Tom Bill, head of London residential research at Knight Frank, comments: “Moving house has a clear multiplier effect for the economy. Different-sized businesses in all areas of the economy feel these benefits, which is something the government will take into account when drawing up its post-lockdown stimulus plan.”

Additionally, fewer house purchases will lead to a sharp decline in mortgage activity.

Simon Gammon, managing partner, Knight Frank Finance, explains that, as a result of the lockdown, lenders are likely to issue almost 350,000 fewer mortgages for house purchase this year than they otherwise would have done.

That includes more than 150,000 fewer mortgages to first-time buyers, underlining how crucial it is for the whole economy that property industry professionals are able to get back to work as soon as it’s safe to do so.

“It’s become increasingly clear lenders are eager to do business,” he says. “Two weeks ago, many banks retreated to the safety of more conservative lending criteria as they were overwhelmed by calls in the wake of two Bank of England rate cuts and the shut-down of many international call centres.”

“But in recent days we’ve seen the major lenders coming back, raising the loan-to-value ratios they are willing to lend at, eager to gain market share. All they need to get the borrowers moving is a functioning housing market."

Knight Frank’s five-point plan to reignite the UK’s housing post-Covid include:

  • Implement a stamp duty holiday
  • Extend Help to Buy
  • Review the conveyancing process
  • Introduce virtual planning meetings
  • Offer greater flexibility around planning obligations, S106 and CIL requirements

To ensure the UK’s housing market is kick-started post lockdown, Knight Frank analysts have mapped out a series of critical government-led measures to drive liquidity in the housing market, support the wider economy and boost receipts for exchequer.

However, measures to help stimulate demand may fall flat without supply-side support, says Olivier Knight, research associate at Knight Frank.

“Initiatives designed to keep the planning system moving have already been made, with the Coronavirus Bill effectively allowing councils to hold virtual planning meetings, but more can be done,” he says.

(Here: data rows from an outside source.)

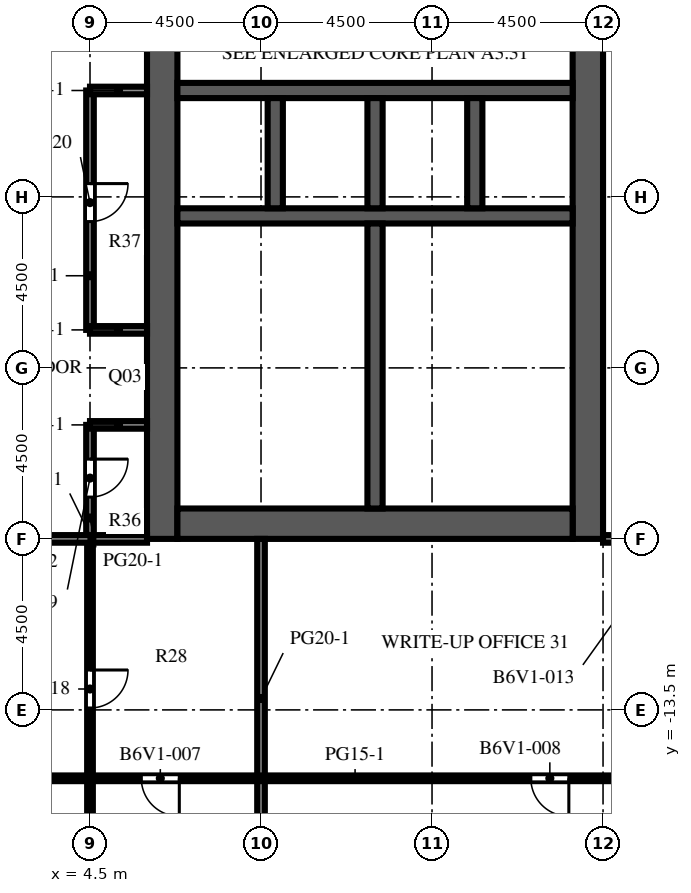
"""IFC4 building model, lengths in metres.
Left out: names, types, materials, properties, quantities, classifications, styles, units other than length and angle.
Written with IfcOpenShell. Run it as: python <this file> out.ifc"""

import sys

from ifc_helpers import new_model, si_unit, direction, frame, frame_2d, origin, place, context, subcontext, project, spatial, rectangle, extrude, element, fill, save


model = new_model("IFC4")
c1 = context("Model", 3, precision=1e-05, world=origin(), true_north=direction((0.0, 1.0)))
c2 = subcontext(c1, "Body", "Model", "MODEL_VIEW")
j1 = project(units=[si_unit("LENGTHUNIT", "METRE"), si_unit("PLANEANGLEUNIT", "RADIAN")], contexts=[c1])
p1 = place(None, origin())
s1 = spatial("IfcSite", under=j1, at=p1, CompositionType="ELEMENT")
p2 = place(p1, origin())
s2 = spatial("IfcBuilding", under=s1, at=p2, CompositionType="ELEMENT")
p3 = place(p2, frame((0.0, 0.0, 203.8)))
s3 = spatial("IfcBuildingStorey", under=s2, at=p3, CompositionType="ELEMENT", Elevation=203.8)
p4 = place(p3, frame((6.4, -9.0, 0.0), z_axis=(0.0, 0.0, 1.0), x_axis=(0.0, 1.0, 0.0)))
e1 = element("IfcWall", 1, at=p4, inside=s3, PredefinedType="SHEAR", context=c2, shape_type="SweptSolid", body=[
    extrude(rectangle(XDim=27.5, YDim=0.8, at=frame_2d((13.75, 0.0))), origin(), (0.0, 0.0, 1.0), 4.1),
])
p5 = place(p4, frame((12.55, 0.0, 0.0)))
e2 = element("IfcOpeningElement", 2, at=p5, cuts=e1, PredefinedType="OPENING", context=c2, shape_type="SweptSolid", body=[
    extrude(rectangle(XDim=2.4, YDim=2.4, at=frame_2d((1.2, 1.2))), frame((0.0, 0.41, 0.0), z_axis=(0.0, -1.0, 0.0), x_axis=(1.0, 0.0, 0.0)), (0.0, 0.0, 1.0), 0.82),
])
p6 = place(p4, frame((3.95, 0.0, 0.0)))
e3 = element("IfcOpeningElement", 3, at=p6, cuts=e1, PredefinedType="OPENING", context=c2, shape_type="SweptSolid", body=[
    extrude(rectangle(XDim=1.2, YDim=2.1, at=frame_2d((0.6, 1.05))), frame((0.0, 0.41, 0.0), z_axis=(0.0, -1.0, 0.0), x_axis=(1.0, 0.0, 0.0)), (0.0, 0.0, 1.0), 0.82),
])
p7 = place(p4, frame((22.35, 0.0, 0.0)))
e4 = element("IfcOpeningElement", 4, at=p7, cuts=e1, PredefinedType="OPENING", context=c2, shape_type="SweptSolid", body=[
    extrude(rectangle(XDim=1.2, YDim=2.1, at=frame_2d((0.6, 1.05))), frame((0.0, 0.41, 0.0), z_axis=(0.0, -1.0, 0.0), x_axis=(1.0, 0.0, 0.0)), (0.0, 0.0, 1.0), 0.82),
])
p8 = place(p3, frame((17.6, -9.0, 0.0), z_axis=(0.0, 0.0, 1.0), x_axis=(0.0, 1.0, 0.0)))
e5 = element("IfcWall", 5, at=p8, inside=s3, PredefinedType="SHEAR", context=c2, shape_type="SweptSolid", body=[
    extrude(rectangle(XDim=27.5, YDim=0.8, at=frame_2d((13.75, 0.0))), origin(), (0.0, 0.0, 1.0), 4.1),
])
p9 = place(p8, frame((12.55, 0.0, 0.0)))
e6 = element("IfcOpeningElement", 6, at=p9, cuts=e5, PredefinedType="OPENING", context=c2, shape_type="SweptSolid", body=[
    extrude(rectangle(XDim=2.4, YDim=2.4, at=frame_2d((1.2, 1.2))), frame((0.0, 0.41, 0.0), z_axis=(0.0, -1.0, 0.0), x_axis=(1.0, 0.0, 0.0)), (0.0, 0.0, 1.0), 0.82),
])
p10 = place(p8, frame((6.825, 0.0, 0.0)))
e7 = element("IfcOpeningElement", 7, at=p10, cuts=e5, PredefinedType="OPENING", context=c2, shape_type="SweptSolid", body=[
    extrude(rectangle(XDim=1.2, YDim=2.1, at=frame_2d((0.6, 1.05))), frame((0.0, 0.41, 0.0), z_axis=(0.0, -1.0, 0.0), x_axis=(1.0, 0.0, 0.0)), (0.0, 0.0, 1.0), 0.82),
])
p11 = place(p8, frame((19.475, 0.0, 0.0)))
e8 = element("IfcOpeningElement", 8, at=p11, cuts=e5, PredefinedType="OPENING", context=c2, shape_type="SweptSolid", body=[
    extrude(rectangle(XDim=1.2, YDim=2.1, at=frame_2d((0.6, 1.05))), frame((0.0, 0.41, 0.0), z_axis=(0.0, -1.0, 0.0), x_axis=(1.0, 0.0, 0.0)), (0.0, 0.0, 1.0), 0.82),
])
p12 = place(p3, frame((6.8, -8.6, 0.0), z_axis=(0.0, 0.0, 1.0), x_axis=(1.0, 0.0, 0.0)))
e9 = element("IfcWall", 9, at=p12, inside=s3, PredefinedType="SHEAR", context=c2, shape_type="SweptSolid", body=[
    extrude(rectangle(XDim=10.4, YDim=0.8, at=frame_2d((5.2, 0.0))), origin(), (0.0, 0.0, 1.0), 4.1),
])
p13 = place(p3, frame((6.8, -0.5, 0.0), z_axis=(0.0, 0.0, 1.0), x_axis=(1.0, 0.0, 0.0)))
e10 = element("IfcWall", 10, at=p13, inside=s3, PredefinedType="SHEAR", context=c2, shape_type="SweptSolid", body=[
    extrude(rectangle(XDim=10.4, YDim=0.4, at=frame_2d((5.2, 0.0))), origin(), (0.0, 0.0, 1.0), 4.1),
])
p14 = place(p3, frame((6.8, 2.8, 0.0), z_axis=(0.0, 0.0, 1.0), x_axis=(1.0, 0.0, 0.0)))
e11 = element("IfcWall", 11, at=p14, inside=s3, PredefinedType="SHEAR", context=c2, shape_type="SweptSolid", body=[
    extrude(rectangle(XDim=10.4, YDim=0.4, at=frame_2d((5.2, 0.0))), origin(), (0.0, 0.0, 1.0), 4.1),
])
p15 = place(p14, frame((0.738, 0.0, 0.0)))
e12 = element("IfcOpeningElement", 12, at=p15, cuts=e11, PredefinedType="OPENING", context=c2, shape_type="SweptSolid", body=[
    extrude(rectangle(XDim=1.1, YDim=2.1, at=frame_2d((0.55, 1.05))), frame((0.0, 0.21, 0.0), z_axis=(0.0, -1.0, 0.0), x_axis=(1.0, 0.0, 0.0)), (0.0, 0.0, 1.0), 0.42),
])
p16 = place(p14, frame((3.337, 0.0, 0.0)))
e13 = element("IfcOpeningElement", 13, at=p16, cuts=e11, PredefinedType="OPENING", context=c2, shape_type="SweptSolid", body=[
    extrude(rectangle(XDim=1.1, YDim=2.1, at=frame_2d((0.55, 1.05))), frame((0.0, 0.21, 0.0), z_axis=(0.0, -1.0, 0.0), x_axis=(1.0, 0.0, 0.0)), (0.0, 0.0, 1.0), 0.42),
])
p17 = place(p14, frame((6.012, 0.0, 0.0)))
e14 = element("IfcOpeningElement", 14, at=p17, cuts=e11, PredefinedType="OPENING", context=c2, shape_type="SweptSolid", body=[
    extrude(rectangle(XDim=1.0, YDim=2.1, at=frame_2d((0.5, 1.05))), frame((0.0, 0.21, 0.0), z_axis=(0.0, -1.0, 0.0), x_axis=(1.0, 0.0, 0.0)), (0.0, 0.0, 1.0), 0.42),
])
p18 = place(p14, frame((8.613, 0.0, 0.0)))
e15 = element("IfcOpeningElement", 15, at=p18, cuts=e11, PredefinedType="OPENING", context=c2, shape_type="SweptSolid", body=[
    extrude(rectangle(XDim=1.0, YDim=2.1, at=frame_2d((0.5, 1.05))), frame((0.0, 0.21, 0.0), z_axis=(0.0, -1.0, 0.0), x_axis=(1.0, 0.0, 0.0)), (0.0, 0.0, 1.0), 0.42),
])
for number, where, z_axis, x_axis in (
    (16, (9.375, -0.3, 0.0), (0.0, 0.0, 1.0), (0.0, 1.0, 0.0)),
    (17, (12.0, -0.3, 0.0), (0.0, 0.0, 1.0), (0.0, 1.0, 0.0)),
    (18, (14.625, -0.3, 0.0), (0.0, 0.0, 1.0), (0.0, 1.0, 0.0)),
):
    element("IfcWall", number, at=place(p3, frame(where, z_axis=z_axis, x_axis=x_axis)), inside=s3, PredefinedType="SHEAR", context=c2, shape_type="SweptSolid", body=[
        extrude(rectangle(XDim=2.9, YDim=0.4, at=frame_2d((1.45, 0.0))), origin(), (0.0, 0.0, 1.0), 4.1),
    ])
p19 = place(p3, frame((12.0, -8.2, 0.0), z_axis=(0.0, 0.0, 1.0), x_axis=(0.0, 1.0, 0.0)))
e19 = element("IfcWall", 19, at=p19, inside=s3, PredefinedType="SHEAR", context=c2, shape_type="SweptSolid", body=[
    extrude(rectangle(XDim=7.5, YDim=0.4, at=frame_2d((3.75, 0.0))), origin(), (0.0, 0.0, 1.0), 4.1),
])
p20 = place(p3, frame((8.3, -8.2, 0.0), z_axis=(0.0, 0.0, 1.0), x_axis=(0.0, 1.0, 0.0)))
e20 = element("IfcWall", 20, at=p20, inside=s3, PredefinedType="PARTITIONING", context=c2, shape_type="SweptSolid", body=[
    extrude(rectangle(XDim=2.25, YDim=0.1, at=frame_2d((1.125, 0.0))), origin(), (0.0, 0.0, 1.0), 3.65),
])
p21 = place(p20, frame((0.625, 0.0, 0.0)))
e21 = element("IfcOpeningElement", 21, at=p21, cuts=e20, PredefinedType="OPENING", context=c2, shape_type="SweptSolid", body=[
    extrude(rectangle(XDim=1.0, YDim=2.1, at=frame_2d((0.5, 1.05))), frame((0.0, 0.06, 0.0), z_axis=(0.0, -1.0, 0.0), x_axis=(1.0, 0.0, 0.0)), (0.0, 0.0, 1.0), 0.12),
])
p22 = place(p3, frame((8.3, -5.95, 0.0), z_axis=(0.0, 0.0, 1.0), x_axis=(0.0, 1.0, 0.0)))
e22 = element("IfcWall", 22, at=p22, inside=s3, PredefinedType="PARTITIONING", context=c2, shape_type="SweptSolid", body=[
    extrude(rectangle(XDim=2.25, YDim=0.1, at=frame_2d((1.125, 0.0))), origin(), (0.0, 0.0, 1.0), 3.65),
])
p23 = place(p22, frame((0.625, 0.0, 0.0)))
e23 = element("IfcOpeningElement", 23, at=p23, cuts=e22, PredefinedType="OPENING", context=c2, shape_type="SweptSolid", body=[
    extrude(rectangle(XDim=1.0, YDim=2.1, at=frame_2d((0.5, 1.05))), frame((0.0, 0.06, 0.0), z_axis=(0.0, -1.0, 0.0), x_axis=(1.0, 0.0, 0.0)), (0.0, 0.0, 1.0), 0.12),
])
p24 = place(p3, frame((8.3, -3.7, 0.0), z_axis=(0.0, 0.0, 1.0), x_axis=(0.0, 1.0, 0.0)))
e24 = element("IfcWall", 24, at=p24, inside=s3, PredefinedType="PARTITIONING", context=c2, shape_type="SweptSolid", body=[
    extrude(rectangle(XDim=1.65, YDim=0.1, at=frame_2d((0.825, 0.0))), origin(), (0.0, 0.0, 1.0), 3.65),
])
p25 = place(p24, frame((0.325, 0.0, 0.0)))
e25 = element("IfcOpeningElement", 25, at=p25, cuts=e24, PredefinedType="OPENING", context=c2, shape_type="SweptSolid", body=[
    extrude(rectangle(XDim=1.0, YDim=2.1, at=frame_2d((0.5, 1.05))), frame((0.0, 0.06, 0.0), z_axis=(0.0, -1.0, 0.0), x_axis=(1.0, 0.0, 0.0)), (0.0, 0.0, 1.0), 0.12),
])
p26 = place(p3, frame((8.3, -2.05, 0.0), z_axis=(0.0, 0.0, 1.0), x_axis=(0.0, 1.0, 0.0)))
e26 = element("IfcWall", 26, at=p26, inside=s3, PredefinedType="PARTITIONING", context=c2, shape_type="SweptSolid", body=[
    extrude(rectangle(XDim=1.35, YDim=0.1, at=frame_2d((0.675, 0.0))), origin(), (0.0, 0.0, 1.0), 3.65),
])
p27 = place(p26, frame((0.2, 0.0, 0.0)))
e27 = element("IfcOpeningElement", 27, at=p27, cuts=e26, PredefinedType="OPENING", context=c2, shape_type="SweptSolid", body=[
    extrude(rectangle(XDim=0.95, YDim=2.1, at=frame_2d((0.475, 1.05))), frame((0.0, 0.06, 0.0), z_axis=(0.0, -1.0, 0.0), x_axis=(1.0, 0.0, 0.0)), (0.0, 0.0, 1.0), 0.12),
])
for number, where, z_axis, x_axis in (
    (28, (8.3, -5.95, 0.0), (0.0, 0.0, 1.0), (1.0, 0.0, 0.0)),
    (29, (8.3, -3.7, 0.0), (0.0, 0.0, 1.0), (1.0, 0.0, 0.0)),
    (30, (8.3, -2.05, 0.0), (0.0, 0.0, 1.0), (1.0, 0.0, 0.0)),
):
    element("IfcWall", number, at=place(p3, frame(where, z_axis=z_axis, x_axis=x_axis)), inside=s3, PredefinedType="PARTITIONING", context=c2, shape_type="SweptSolid", body=[
        extrude(rectangle(XDim=3.5, YDim=0.1, at=frame_2d((1.75, 0.0))), origin(), (0.0, 0.0, 1.0), 3.65),
    ])
p28 = place(p3, frame((4.5, -9.0, 0.0), z_axis=(0.0, 0.0, 1.0), x_axis=(0.0, -1.0, 0.0)))
e31 = element("IfcWall", 31, at=p28, inside=s3, PredefinedType="PARTITIONING", context=c2, shape_type="SweptSolid", body=[
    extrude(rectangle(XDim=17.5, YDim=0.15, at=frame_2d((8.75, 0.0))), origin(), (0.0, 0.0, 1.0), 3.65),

According to Gammon, an extension of time to implement existing and pending planning permissions would be a start – one that has the backing of the HBF, the trade body for the home building industry.

There is also a precedent with the government having granted similar temporary powers between 2009 and 2012 following the financial crisis.

Gammon concludes: “Greater flexibility should also be encouraged with regards to the payment of planning obligations, such as section 106 and Community Infrastructure Levy (CIL) payments. Such outlays are generally paid up-front and – given expected limited cash-flow over the coming months - a move to allow practical staggering or staged payments would be welcome.”